I don't see the need to babysit hydro grows, and you can save a bundle of cash by building your own hydroponic setup. Get a couple of 18-20 gal tubs (reservoirs), some aquarium grade silicone (to makes water-tight seals), some nozzles (for your tubing), a pump (goes in the reservoir/s to the tray and loops back down the trays drainage and back into the res), tubing (for liquid transfer from the res to the plant tray), and a feeder with some feeder lines, a few timers to set your feed/co2 schedules and don't forget the nute solution and all other necessities like cubes, plugs, drains, co2 bottle, air stones etc : ) 

make sure to get nice reliable pumps, you don't want those failing.

http://www.htgsupply.com/

or just buy a complete hydro setup from those guys


----------



## Dubbaman (Dec 1, 2007)

i gotta go with soil too, much easier to maintain and "babysit" than a hydro set up.


----------



## goddog (Dec 1, 2007)

soil........

im to dumb for hydro


----------



## Shakey B0n3S (Dec 1, 2007)

this may only be my second grow but i would really like to try a small hydro opperation.........but god made dirt and dirt dont hurt:ignore:


----------



## octobong007 (Dec 1, 2007)

i sat down and added up my system for hydro.  in doing either 4 or 8 plants, the cost is within 2.00 because how cheap planters are.  with lights i have 15.00 for everything.  for the system itself, a maximum total of 35.00.  you dont NEED co2 and all that fancy stuff...only nutes, 20.00 lasts 2 months, and thats including my hydro AND about a dozen ladies.  as for babysitting them, other than the "admiration" time, i only change nutes once a week and raise lights once a day(3 minutes).  dont get me wrong, i've been a soil grower for ALOT of years, mostly outside...soil represents natural, but all indoor growing is synthetic in one way or the other...they might imatate sunlight, but cant duplicate.  i vote for hydro cause i believe its easier, and makes me proud i build my own stuff.  anyone that wants to get into the do your itself stuff, trust me, use this forum, these guys knows how its done.

also, as for expense, you can build your own system for under 10.00 including lights...using cfl's with dwc.  

just my thoughts and opinions and rambling from really good fresh stuff...keep it green.


----------



## kasgrow (Dec 2, 2007)

I go with hydro. It is less work for me. I top off my res every couple of days and change it every week to ten days. A small pump takes out all of the heavy lifting. I could leave for a week with no problems. The plants grow faster so I can grow more plants in a year and get larger harvests. No dirt to buy or get rid of. I used both dird and hydro until recently. I still grow in dirt outside but inside hydro is just easier for me. Hydro does have its learning time but is easy after you get it worked out. In my opinion.


----------



## tom-tom (Dec 2, 2007)

i grow bolth hydro and soil but the hydro is pretty easy keeping my ph down is the only part i hate


----------



## Shocked (Dec 2, 2007)

I started with soil but am slowly moving to 100% hydro.


----------



## Wise Man (Dec 2, 2007)

Ive never gone Hydro,and probably wont for years to come.

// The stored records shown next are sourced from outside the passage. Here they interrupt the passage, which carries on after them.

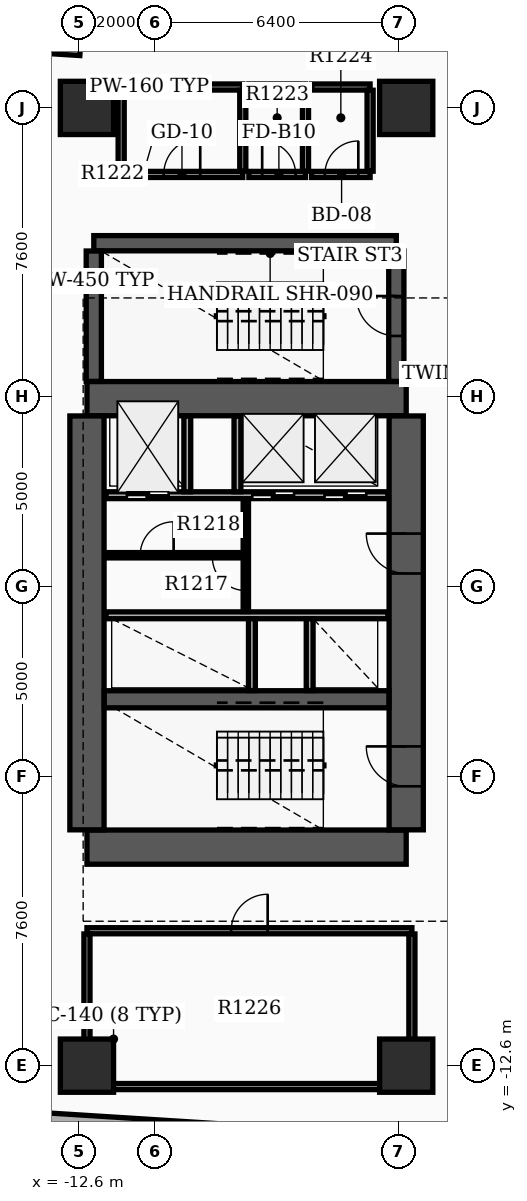
"""IFC4 building model, lengths in metres.
Left out: names, types, materials, properties, quantities, classifications, styles, units other than length and angle.
Written with IfcOpenShell. Run it as: python <this file> out.ifc"""

import sys

from ifc_helpers import new_model, si_unit, direction, frame, frame_2d, origin, origin_2d, place, context, subcontext, project, spatial, rectangle, extrude, element, fill, save


model = new_model("IFC4")
c1 = context("Model", 3, precision=1e-05, world=origin(), true_north=direction((0.0, 1.0)))
c2 = subcontext(c1, "Body", "Model", "MODEL_VIEW")
j1 = project(units=[si_unit("LENGTHUNIT", "METRE"), si_unit("PLANEANGLEUNIT", "RADIAN")], contexts=[c1])
p1 = place(None, origin())
s1 = spatial("IfcSite", under=j1, at=p1, CompositionType="ELEMENT")
p2 = place(p1, origin())
s2 = spatial("IfcBuilding", under=s1, at=p2, CompositionType="ELEMENT")
p3 = place(p2, frame((0.0, 0.0, 79.5)))
s3 = spatial("IfcBuildingStorey", under=s2, at=p3, CompositionType="ELEMENT", Elevation=79.5)
for number, where, z_axis, x_axis in (
    (1, (-12.4, -6.85, 0.0), (0.0, 0.0, 1.0), (1.0, 0.0, 0.0)),
    (2, (-12.4, 4.95, 0.0), (0.0, 0.0, 1.0), (1.0, 0.0, 0.0)),
):
    element("IfcWall", number, at=place(p3, frame(where, z_axis=z_axis, x_axis=x_axis)), inside=s3, PredefinedType="SHEAR", context=c2, shape_type="SweptSolid", body=[
        extrude(rectangle(XDim=8.4, YDim=0.9, at=frame_2d((4.2, 0.0))), origin(), (0.0, 0.0, 1.0), 3.7),
    ])
p4 = place(p3, frame((-12.4, -6.395, 0.0), z_axis=(0.0, 0.0, 1.0), x_axis=(0.0, 1.0, 0.0)))
e3 = element("IfcWall", 3, at=p4, inside=s3, PredefinedType="SHEAR", context=c2, shape_type="SweptSolid", body=[
    extrude(rectangle(XDim=10.89, YDim=0.9, at=frame_2d((5.445, 0.0))), origin(), (0.0, 0.0, 1.0), 3.7),
])
p5 = place(p3, frame((-4.0, -6.395, 0.0), z_axis=(0.0, 0.0, 1.0), x_axis=(0.0, 1.0, 0.0)))
e4 = element("IfcWall", 4, at=p5, inside=s3, PredefinedType="SHEAR", context=c2, shape_type="SweptSolid", body=[
    extrude(rectangle(XDim=10.89, YDim=0.9, at=frame_2d((5.445, 0.0))), origin(), (0.0, 0.0, 1.0), 3.7),
])
p6 = place(p5, frame((1.145, 0.0, 0.0)))
e5 = element("IfcOpeningElement", 5, at=p6, cuts=e4, PredefinedType="OPENING", context=c2, shape_type="SweptSolid", body=[
    extrude(rectangle(XDim=1.05, YDim=2.15, at=frame_2d((0.525, 1.075))), frame((0.0, 0.46, 0.0), z_axis=(0.0, -1.0, 0.0), x_axis=(1.0, 0.0, 0.0)), (0.0, 0.0, 1.0), 0.92),
])
p7 = place(p5, frame((6.745, 0.0, 0.0)))
e6 = element("IfcOpeningElement", 6, at=p7, cuts=e4, PredefinedType="OPENING", context=c2, shape_type="SweptSolid", body=[
    extrude(rectangle(XDim=1.05, YDim=2.15, at=frame_2d((0.525, 1.075))), frame((0.0, 0.46, 0.0), z_axis=(0.0, -1.0, 0.0), x_axis=(1.0, 0.0, 0.0)), (0.0, 0.0, 1.0), 0.92),
])
p8 = place(p3, frame((-11.945, -2.96, 0.0), z_axis=(0.0, 0.0, 1.0), x_axis=(1.0, 0.0, 0.0)))
e7 = element("IfcWall", 7, at=p8, inside=s3, PredefinedType="SHEAR", context=c2, shape_type="SweptSolid", body=[
    extrude(rectangle(XDim=7.49, YDim=0.45, at=frame_2d((3.745, 0.0))), origin(), (0.0, 0.0, 1.0), 3.7),
])
p9 = place(p3, frame((-12.22, 9.04, 0.0), z_axis=(0.0, 0.0, 1.0), x_axis=(1.0, 0.0, 0.0)))
e8 = element("IfcWall", 8, at=p9, inside=s3, PredefinedType="SHEAR", context=c2, shape_type="SweptSolid", body=[
    extrude(rectangle(XDim=7.96, YDim=0.4, at=frame_2d((3.98, 0.0))), origin(), (0.0, 0.0, 1.0), 3.7),
])
p10 = place(p3, frame((-12.22, 5.405, 0.0), z_axis=(0.0, 0.0, 1.0), x_axis=(0.0, 1.0, 0.0)))
e9 = element("IfcWall", 9, at=p10, inside=s3, PredefinedType="SHEAR", context=c2, shape_type="SweptSolid", body=[
    extrude(rectangle(XDim=3.43, YDim=0.4, at=frame_2d((1.715, 0.0))), origin(), (0.0, 0.0, 1.0), 3.7),
])
p11 = place(p3, frame((-4.26, 5.405, 0.0), z_axis=(0.0, 0.0, 1.0), x_axis=(0.0, 1.0, 0.0)))
e10 = element("IfcWall", 10, at=p11, inside=s3, PredefinedType="SHEAR", context=c2, shape_type="SweptSolid", body=[
    extrude(rectangle(XDim=3.43, YDim=0.4, at=frame_2d((1.715, 0.0))), origin(), (0.0, 0.0, 1.0), 3.7),
])
p12 = place(p11, frame((1.195, 0.0, 0.0)))
e11 = element("IfcOpeningElement", 11, at=p12, cuts=e10, PredefinedType="OPENING", context=c2, shape_type="SweptSolid", body=[
    extrude(rectangle(XDim=1.05, YDim=2.15, at=frame_2d((0.525, 1.075))), frame((0.0, 0.21, 0.0), z_axis=(0.0, -1.0, 0.0), x_axis=(1.0, 0.0, 0.0)), (0.0, 0.0, 1.0), 0.42),
])
for number, where, z_axis, x_axis in (
    (12, (-12.4, -12.6, 0.0), (0.0, 0.0, 1.0), (1.0, 0.0, 0.0)),
    (13, (-12.4, 12.6, 0.0), (0.0, 0.0, 1.0), (1.0, 0.0, 0.0)),
    (14, (-4.0, -12.6, 0.0), (0.0, 0.0, 1.0), (1.0, 0.0, 0.0)),
    (15, (-4.0, 12.6, 0.0), (0.0, 0.0, 1.0), (1.0, 0.0, 0.0)),
):
    element("IfcColumn", number, at=place(p3, frame(where, z_axis=z_axis, x_axis=x_axis)), inside=s3, PredefinedType="COLUMN", context=c2, shape_type="SweptSolid", body=[
        extrude(rectangle(XDim=1.4, YDim=1.4, at=origin_2d()), origin(), (0.0, 0.0, 1.0), 3.9),
    ])
p13 = place(p3, frame((-13.796, 14.194, 0.0), z_axis=(0.0, 0.0, 1.0), x_axis=(0.998023660242, -0.06283926796, 0.0)))
e16 = element("IfcWall", 16, at=p13, inside=s3, PredefinedType="STANDARD", context=c2, shape_type="SweptSolid", body=[
    extrude(rectangle(XDim=1.22, YDim=0.28, at=frame_2d((0.61, 0.0))), origin(), (0.0, 0.0, 1.0), 2.91),
])
p14 = place(p3, frame((-14.063, -13.945, 0.0), z_axis=(0.0, 0.0, 1.0), x_axis=(0.998027314704, -0.062781200242, 0.0)))
e17 = element("IfcWall", 17, at=p14, inside=s3, PredefinedType="STANDARD", context=c2, shape_type="SweptSolid", body=[
    extrude(rectangle(XDim=6.3, YDim=0.28, at=frame_2d((3.15, 0.0))), origin(), (0.0, 0.0, 1.0), 2.91),
])
p15 = place(p3, frame((-11.9, 2.41, 0.0), z_axis=(0.0, 0.0, 1.0), x_axis=(1.0, 0.0, 0.0)))
e18 = element("IfcWall", 18, at=p15, inside=s3, PredefinedType="SOLIDWALL", context=c2, shape_type="SweptSolid", body=[
    extrude(rectangle(XDim=7.42, YDim=0.18, at=frame_2d((3.71, 0.0))), origin(), (0.0, 0.0, 1.0), 2.9),
])
p16 = place(p15, frame((0.55, 0.0, 0.0)))
e19 = element("IfcOpeningElement", 19, at=p16, cuts=e18, PredefinedType="OPENING", context=c2, shape_type="SweptSolid", body=[
    extrude(rectangle(XDim=1.1, YDim=2.15, at=frame_2d((0.55, 1.075))), frame((0.0, 0.1, 0.0), z_axis=(0.0, -1.0, 0.0), x_axis=(1.0, 0.0, 0.0)), (0.0, 0.0, 1.0), 0.2),
])
p17 = place(p15, frame((3.85, 0.0, 0.0)))
e20 = element("IfcOpeningElement", 20, at=p17, cuts=e18, PredefinedType="OPENING", context=c2, shape_type="SweptSolid", body=[
    extrude(rectangle(XDim=1.1, YDim=2.15, at=frame_2d((0.55, 1.075))), frame((0.0, 0.1, 0.0), z_axis=(0.0, -1.0, 0.0), x_axis=(1.0, 0.0, 0.0)), (0.0, 0.0, 1.0), 0.2),
])
p18 = place(p15, frame((5.75, 0.0, 0.0)))
e21 = element("IfcOpeningElement", 21, at=p18, cuts=e18, PredefinedType="OPENING", context=c2, shape_type="SweptSolid", body=[
    extrude(rectangle(XDim=1.1, YDim=2.15, at=frame_2d((0.55, 1.075))), frame((0.0, 0.1, 0.0), z_axis=(0.0, -1.0, 0.0), x_axis=(1.0, 0.0, 0.0)), (0.0, 0.0, 1.0), 0.2),
])
p19 = place(p3, frame((-11.9, -0.75, 0.0), z_axis=(0.0, 0.0, 1.0), x_axis=(1.0, 0.0, 0.0)))
e22 = element("IfcWall", 22, at=p19, inside=s3, PredefinedType="SOLIDWALL", context=c2, shape_type="SweptSolid", body=[
    extrude(rectangle(XDim=7.42, YDim=0.18, at=frame_2d((3.71, 0.0))), origin(), (0.0, 0.0, 1.0), 2.9),
])
for number, where, z_axis, x_axis in (
    (23, (-9.76, 2.5, 0.0), (0.0, 0.0, 1.0), (0.0, 1.0, 0.0)),
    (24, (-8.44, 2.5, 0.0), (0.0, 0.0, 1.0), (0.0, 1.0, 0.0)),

Theres no winner,or loser.It varys from person to person and goes down to the persons preference.

So-the results you get will be mixed.

But,if you where to ask me which type of weed i would prefer from a hydro grow,or soil grow i would say soil.Soil grown buds have a stronger,earthier taste i find and the high last longer.With hydro,the taste is kinda blandish,and the high dosent last as long.

JMO.


----------



## dmack (Dec 2, 2007)

I would have to choose hydro. I went from soil to hydro and the difference in time of the plant cycle was way faster with the hydro. You need to use the right nutes and know how to work the system for that great high. No need to water the dirt. Just mix your nutes and set your timer.


----------



## stunzeed (Dec 2, 2007)

Ive done both and its Hydro hands down!!!!!!!!!!!!!!!!!:ignore: 



Stunzeed..


----------



## BudWeederson (Dec 2, 2007)

I don't see what "work" you guys are talking about.. With my system all i have to do is check and adjust the PH and water level in my reservoir (about 5 -10 minutes) everyday and watch it grow.  Maybe takes five minutes more than watering and cleaning up your dirt.  Hydro is made up to be way more difficult than it is. You don't have to be a rocket scientist..trust me. 
:farm: Bud


----------



## dmack (Dec 2, 2007)

BudWeederson said:
			
		

> I don't see what "work" you guys are talking about.. With my system all i have to do is check and adjust the PH and water level in my reservoir (about 5 -10 minutes) everyday and watch it grow.  Maybe takes five minutes more than watering and cleaning up your dirt.  Hydro is made up to be way more difficult than it is. You don't have to be a rocket scientist..trust me.
> :farm: Bud


 The right nutes make for a great grow. Watch your PPM and PH and your set.


----------



## stunzeed (Dec 2, 2007)

It is easier than people think. Get a Ph buffered nutrient and its that much easier. Plus no dirt mess and no dirt to get rid of. 

Stunzeed..


----------



## CasualGrower (Dec 3, 2007)

I have grown a few plants in soil from time to time and I am now trying hydro for the first time.  I have to say that Hydro rawks, and I do not see it to be a lot of work at all...... I check my water levels couple times a week and add nutes once every week or 2.... I just got a TDS meter in this weekend so I can keep a closer eye on it now.... but I have never had these kind of results in soil and it was so easy.....all I have done was listen to what my babies were telling me. if growth slows... check PH and add some nutes....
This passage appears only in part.